Diese Einteilungen nach politischen Beweggründen von Straftaten sind oftmals reichlich albern und willkürlich, wenn es nicht gerade um Propagandadelikte geht. Und da gibt es auf der linken Seite nunmal - unverständlicherweise! - leider keine.


----------



## ruyven_macaran (3. Februar 2012)

*AW: Was ist eigentlich "links", was "rechts" (verstörende Ansichten des Polizeipräsidiums Berlin)*

Häh?
Ein Großteil der linken nicht-Gewalttaten in obiger Liste sind Fälle, in denen irgendwo Antifa oder Anarchiesymbole hinterlassen wurden.
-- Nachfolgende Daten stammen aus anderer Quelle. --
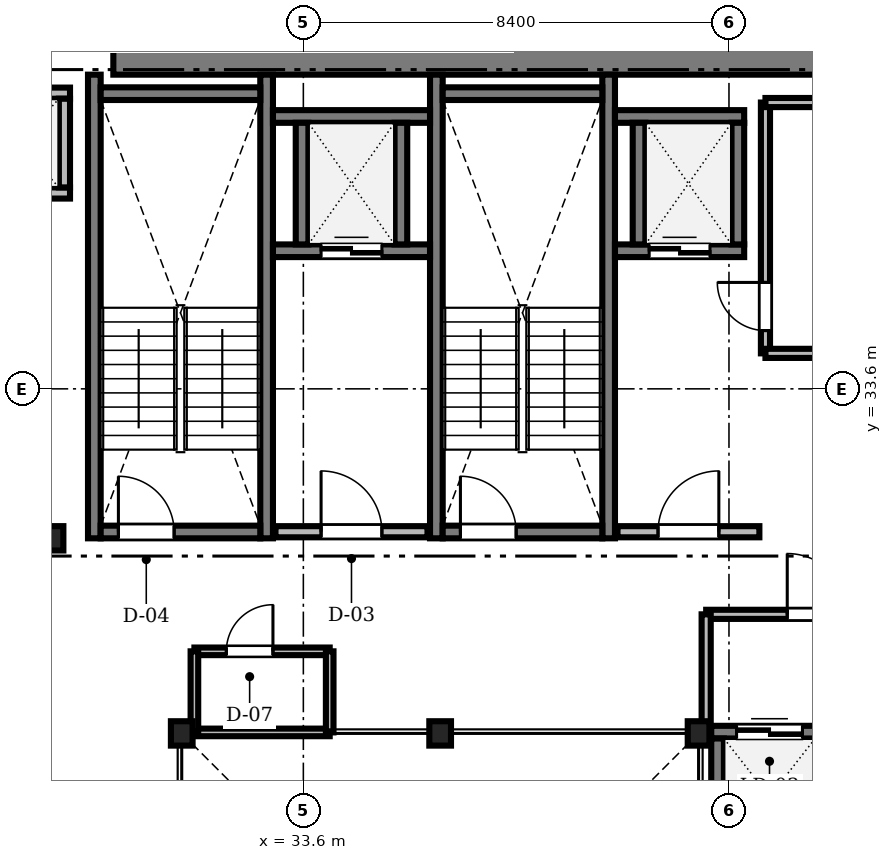
"""IFC4 building model, lengths in metres.
Left out: names, types, materials, properties, quantities, classifications, styles, units other than length and angle.
Written with IfcOpenShell. Run it as: python <this file> out.ifc"""

import sys

from ifc_helpers import new_model, si_unit, direction, frame, frame_2d, origin, origin_2d, place, context, subcontext, project, spatial, rectangle, i_section, extrude, source, transform, mapped, element, fill, save


model = new_model("IFC4")
c1 = context("Model", 3, precision=1e-05, world=origin(), true_north=direction((0.0, 1.0)))
c2 = subcontext(c1, "Body", "Model", "MODEL_VIEW")
j1 = project(units=[si_unit("LENGTHUNIT", "METRE"), si_unit("PLANEANGLEUNIT", "RADIAN")], contexts=[c1])
p1 = place(None, origin())
s1 = spatial("IfcSite", under=j1, at=p1, CompositionType="ELEMENT")
p2 = place(p1, origin())
s2 = spatial("IfcBuilding", under=s1, at=p2, CompositionType="ELEMENT")
p3 = place(p2, frame((0.0, 0.0, 75.05)))
s3 = spatial("IfcBuildingStorey", under=s2, at=p3, CompositionType="ELEMENT", Elevation=75.05)
m1 = source(origin(), c2, "Body", "SweptSolid", [
    extrude(rectangle(XDim=17.52, YDim=1.0, at=frame_2d((8.76, 0.0))), origin(), (0.0, 0.0, 1.0), 3.41),
])
p4 = place(p3, frame((29.85, 40.3, 0.0), z_axis=(0.0, 0.0, 1.0), x_axis=(1.0, 0.0, 0.0)))
e1 = element("IfcWall", 1, at=p4, inside=s3, PredefinedType="SHEAR", context=c2, shape_type="MappedRepresentation", body=[
    mapped(m1, transform((0.0, 0.0, 0.0), scale=1.0)),
])
m2 = source(origin(), c2, "Body", "SweptSolid", [
    extrude(i_section(OverallWidth=0.428, OverallDepth=0.481, WebThickness=0.04, FlangeThickness=0.063, FilletRadius=0.015, at=origin_2d()), origin(), (0.0, 0.0, 1.0), 3.41),
])
for number, where, z_axis, x_axis in (
    (2, (41.4, 26.8, 0.0), (0.0, 0.0, 1.0), (1.0, 0.0, 0.0)),
    (3, (36.3, 26.8, 0.0), (0.0, 0.0, 1.0), (1.0, 0.0, 0.0)),
    (4, (31.2, 26.8, 0.0), (0.0, 0.0, 1.0), (1.0, 0.0, 0.0)),
    (5, (28.65, 30.65, 0.0), (0.0, 0.0, 1.0), (1.0, 0.0, 0.0)),
):
    element("IfcColumn", number, at=place(p3, frame(where, z_axis=z_axis, x_axis=x_axis)), inside=s3, PredefinedType="COLUMN", context=c2, shape_type="MappedRepresentation", body=[
        mapped(m2, transform((0.0, 0.0, 0.0), scale=1.0)),
    ])
m3 = source(origin(), c2, "Body", "SweptSolid", [
    extrude(rectangle(XDim=9.15, YDim=0.25, at=frame_2d((4.575, 0.0))), origin(), (0.0, 0.0, 1.0), 3.45),
])
for number, where, z_axis, x_axis in (
    (6, (29.475, 30.65, 0.0), (0.0, 0.0, 1.0), (0.0, 1.0, 0.0)),
    (7, (32.875, 30.65, 0.0), (0.0, 0.0, 1.0), (0.0, 1.0, 0.0)),
):
    element("IfcWall", number, at=place(p3, frame(where, z_axis=z_axis, x_axis=x_axis)), inside=s3, PredefinedType="SOLIDWALL", context=c2, shape_type="MappedRepresentation", body=[
        mapped(m3, transform((0.0, 0.0, 0.0), scale=1.0)),
    ])
m4 = source(origin(), c2, "Body", "SweptSolid", [
    extrude(rectangle(XDim=3.15, YDim=0.25, at=frame_2d((1.575, 0.0))), origin(), (0.0, 0.0, 1.0), 3.45),
])
p5 = place(p3, frame((29.6, 39.425, 0.0), z_axis=(0.0, 0.0, 1.0), x_axis=(1.0, 0.0, 0.0)))
e8 = element("IfcWall", 8, at=p5, inside=s3, PredefinedType="SOLIDWALL", context=c2, shape_type="MappedRepresentation", body=[
    mapped(m4, transform((0.0, 0.0, 0.0), scale=1.0)),
])
p6 = place(p3, frame((29.6, 30.775, 0.0), z_axis=(0.0, 0.0, 1.0), x_axis=(1.0, 0.0, 0.0)))
e9 = element("IfcWall", 9, at=p6, inside=s3, PredefinedType="SOLIDWALL", context=c2, shape_type="MappedRepresentation", body=[
    mapped(m4, transform((0.0, 0.0, 0.0), scale=1.0)),
])
m5 = source(origin(), c2, "Body", "SweptSolid", [
    extrude(rectangle(XDim=1.1, YDim=2.2, at=frame_2d((0.55, 1.1))), frame((0.0, 0.135, 0.0), z_axis=(0.0, -1.0, 0.0), x_axis=(1.0, 0.0, 0.0)), (0.0, 0.0, 1.0), 0.27),
])
p7 = place(p6, frame((0.35, 0.0, 0.0)))
e10 = element("IfcOpeningElement", 10, at=p7, cuts=e9, PredefinedType="OPENING", context=c2, shape_type="MappedRepresentation", body=[
    mapped(m5, transform((0.0, 0.0, 0.0), scale=1.0)),
])
for number, where, z_axis, x_axis in (
    (11, (36.225, 30.65, 0.0), (0.0, 0.0, 1.0), (0.0, 1.0, 0.0)),
    (12, (39.625, 30.65, 0.0), (0.0, 0.0, 1.0), (0.0, 1.0, 0.0)),
):
    element("IfcWall", number, at=place(p3, frame(where, z_axis=z_axis, x_axis=x_axis)), inside=s3, PredefinedType="SOLIDWALL", context=c2, shape_type="MappedRepresentation", body=[
        mapped(m3, transform((0.0, 0.0, 0.0), scale=1.0)),
    ])
p8 = place(p3, frame((36.35, 39.425, 0.0), z_axis=(0.0, 0.0, 1.0), x_axis=(1.0, 0.0, 0.0)))
e13 = element("IfcWall", 13, at=p8, inside=s3, PredefinedType="SOLIDWALL", context=c2, shape_type="MappedRepresentation", body=[
    mapped(m4, transform((0.0, 0.0, 0.0), scale=1.0)),
])
p9 = place(p3, frame((36.35, 30.775, 0.0), z_axis=(0.0, 0.0, 1.0), x_axis=(1.0, 0.0, 0.0)))
e14 = element("IfcWall", 14, at=p9, inside=s3, PredefinedType="SOLIDWALL", context=c2, shape_type="MappedRepresentation", body=[
    mapped(m4, transform((0.0, 0.0, 0.0), scale=1.0)),
])
p10 = place(p9, frame((0.35, 0.0, 0.0)))
e15 = element("IfcOpeningElement", 15, at=p10, cuts=e14, PredefinedType="OPENING", context=c2, shape_type="MappedRepresentation", body=[
    mapped(m5, transform((0.0, 0.0, 0.0), scale=1.0)),
])
m6 = source(origin(), c2, "Body", "SweptSolid", [
    extrude(rectangle(XDim=3.0, YDim=0.22, at=frame_2d((1.5, 0.0))), origin(), (0.0, 0.0, 1.0), 3.41),
])
p11 = place(p3, frame((33.05, 30.78, 0.0), z_axis=(0.0, 0.0, 1.0), x_axis=(1.0, 0.0, 0.0)))
e16 = element("IfcWall", 16, at=p11, inside=s3, PredefinedType="SOLIDWALL", context=c2, shape_type="MappedRepresentation", body=[
    mapped(m6, transform((0.0, 0.0, 0.0), scale=1.0)),
])
m7 = source(origin(), c2, "Body", "SweptSolid", [
    extrude(rectangle(XDim=1.2, YDim=2.2, at=frame_2d((0.6, 1.1))), frame((0.0, 0.12, 0.0), z_axis=(0.0, -1.0, 0.0), x_axis=(1.0, 0.0, 0.0)), (0.0, 0.0, 1.0), 0.24),
])
p12 = place(p11, frame((0.9, 0.0, 0.0)))
e17 = element("IfcOpeningElement", 17, at=p12, cuts=e16, PredefinedType="OPENING", context=c2, shape_type="MappedRepresentation", body=[
    mapped(m7, transform((0.0, 0.0, 0.0), scale=1.0)),
])
m8 = source(origin(), c2, "Body", "SweptSolid", [
    extrude(rectangle(XDim=2.8, YDim=0.22, at=frame_2d((1.4, 0.0))), origin(), (0.0, 0.0, 1.0), 3.41),
])
p13 = place(p3, frame((39.8, 30.78, 0.0), z_axis=(0.0, 0.0, 1.0), x_axis=(1.0, 0.0, 0.0)))
e18 = element("IfcWall", 18, at=p13, inside=s3, PredefinedType="SOLIDWALL", context=c2, shape_type="MappedRepresentation", body=[
    mapped(m8, transform((0.0, 0.0, 0.0), scale=1.0)),
])
p14 = place(p13, frame((0.8, 0.0, 0.0)))
e19 = element("IfcOpeningElement", 19, at=p14, cuts=e18, PredefinedType="OPENING", context=c2, shape_type="MappedRepresentation", body=[
    mapped(m7, transform((0.0, 0.0, 0.0), scale=1.0)),
])
m9 = source(origin(), c2, "Body", "SweptSolid", [
    extrude(rectangle(XDim=1.99, YDim=0.22, at=frame_2d((0.995, 0.0))), origin(), (0.0, 0.0, 1.0), 3.41),
])
p15 = place(p3, frame((27.005, 37.465, 0.0), z_axis=(0.0, 0.0, 1.0), x_axis=(1.0, 0.0, 0.0)))
e20 = element("IfcWall", 20, at=p15, inside=s3, PredefinedType="SOLIDWALL", context=c2, shape_type="MappedRepresentation", body=[
    mapped(m9, transform((0.0, 0.0, 0.0), scale=1.0)),
])
m10 = source(origin(), c2, "Body", "SweptSolid", [
    extrude(rectangle(XDim=1.1, YDim=2.2, at=frame_2d((0.55, 1.1))), frame((0.0, 0.12, 0.0), z_axis=(0.0, -1.0, 0.0), x_axis=(1.0, 0.0, 0.0)), (0.0, 0.0, 1.0), 0.24),
])
p16 = place(p15, frame((0.445, 0.0, 0.0)))
e21 = element("IfcOpeningElement", 21, at=p16, cuts=e20, PredefinedType="OPENING", context=c2, shape_type="MappedRepresentation", body=[
    mapped(m10, transform((0.0, 0.0, 0.0), scale=1.0)),
])
p17 = place(p3, frame((27.005, 39.435, 0.0), z_axis=(0.0, 0.0, 1.0), x_axis=(1.0, 0.0, 0.0)))
e22 = element("IfcWall", 22, at=p17, inside=s3, PredefinedType="SOLIDWALL", context=c2, shape_type="MappedRepresentation", body=[
    mapped(m9, transform((0.0, 0.0, 0.0), scale=1.0)),
])
m11 = source(origin(), c2, "Body", "SweptSolid", [
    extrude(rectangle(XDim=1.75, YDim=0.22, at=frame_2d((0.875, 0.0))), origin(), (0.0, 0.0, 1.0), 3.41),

Das ist wohl genauso propaganda, wie Hakenkreuzgraffitis.


----------



## Icejester (3. Februar 2012)

*AW: Was ist eigentlich "links", was "rechts" (verstörende Ansichten des Polizeipräsidiums Berlin)*

Das ist in Deutschland bestenfalls Sachbeschädigung, aber kein Propagandadelikt.


----------



## ruyven_macaran (3. Februar 2012)

*AW: Was ist eigentlich "links", was "rechts" (verstörende Ansichten des Polizeipräsidiums Berlin)*

Siehen unsere Experten für zuverlässigste Klassifizierung ""politischer" Straftaten" offensichtlich anders:


			
				im Startpost genannte Anlage schrieb:
			
		

> *Propaganda*	24.11.2010 19:00:00	Unbekannte Täter sprühten ein Keltenkreuz an eine Hauswand.


 (Ähnliche Fälle füllen gut zwei Seiten. Dazu kommen noch einige mehr, in denen *************************** / Hitler Rufe als Propaganda gewertet wurden.)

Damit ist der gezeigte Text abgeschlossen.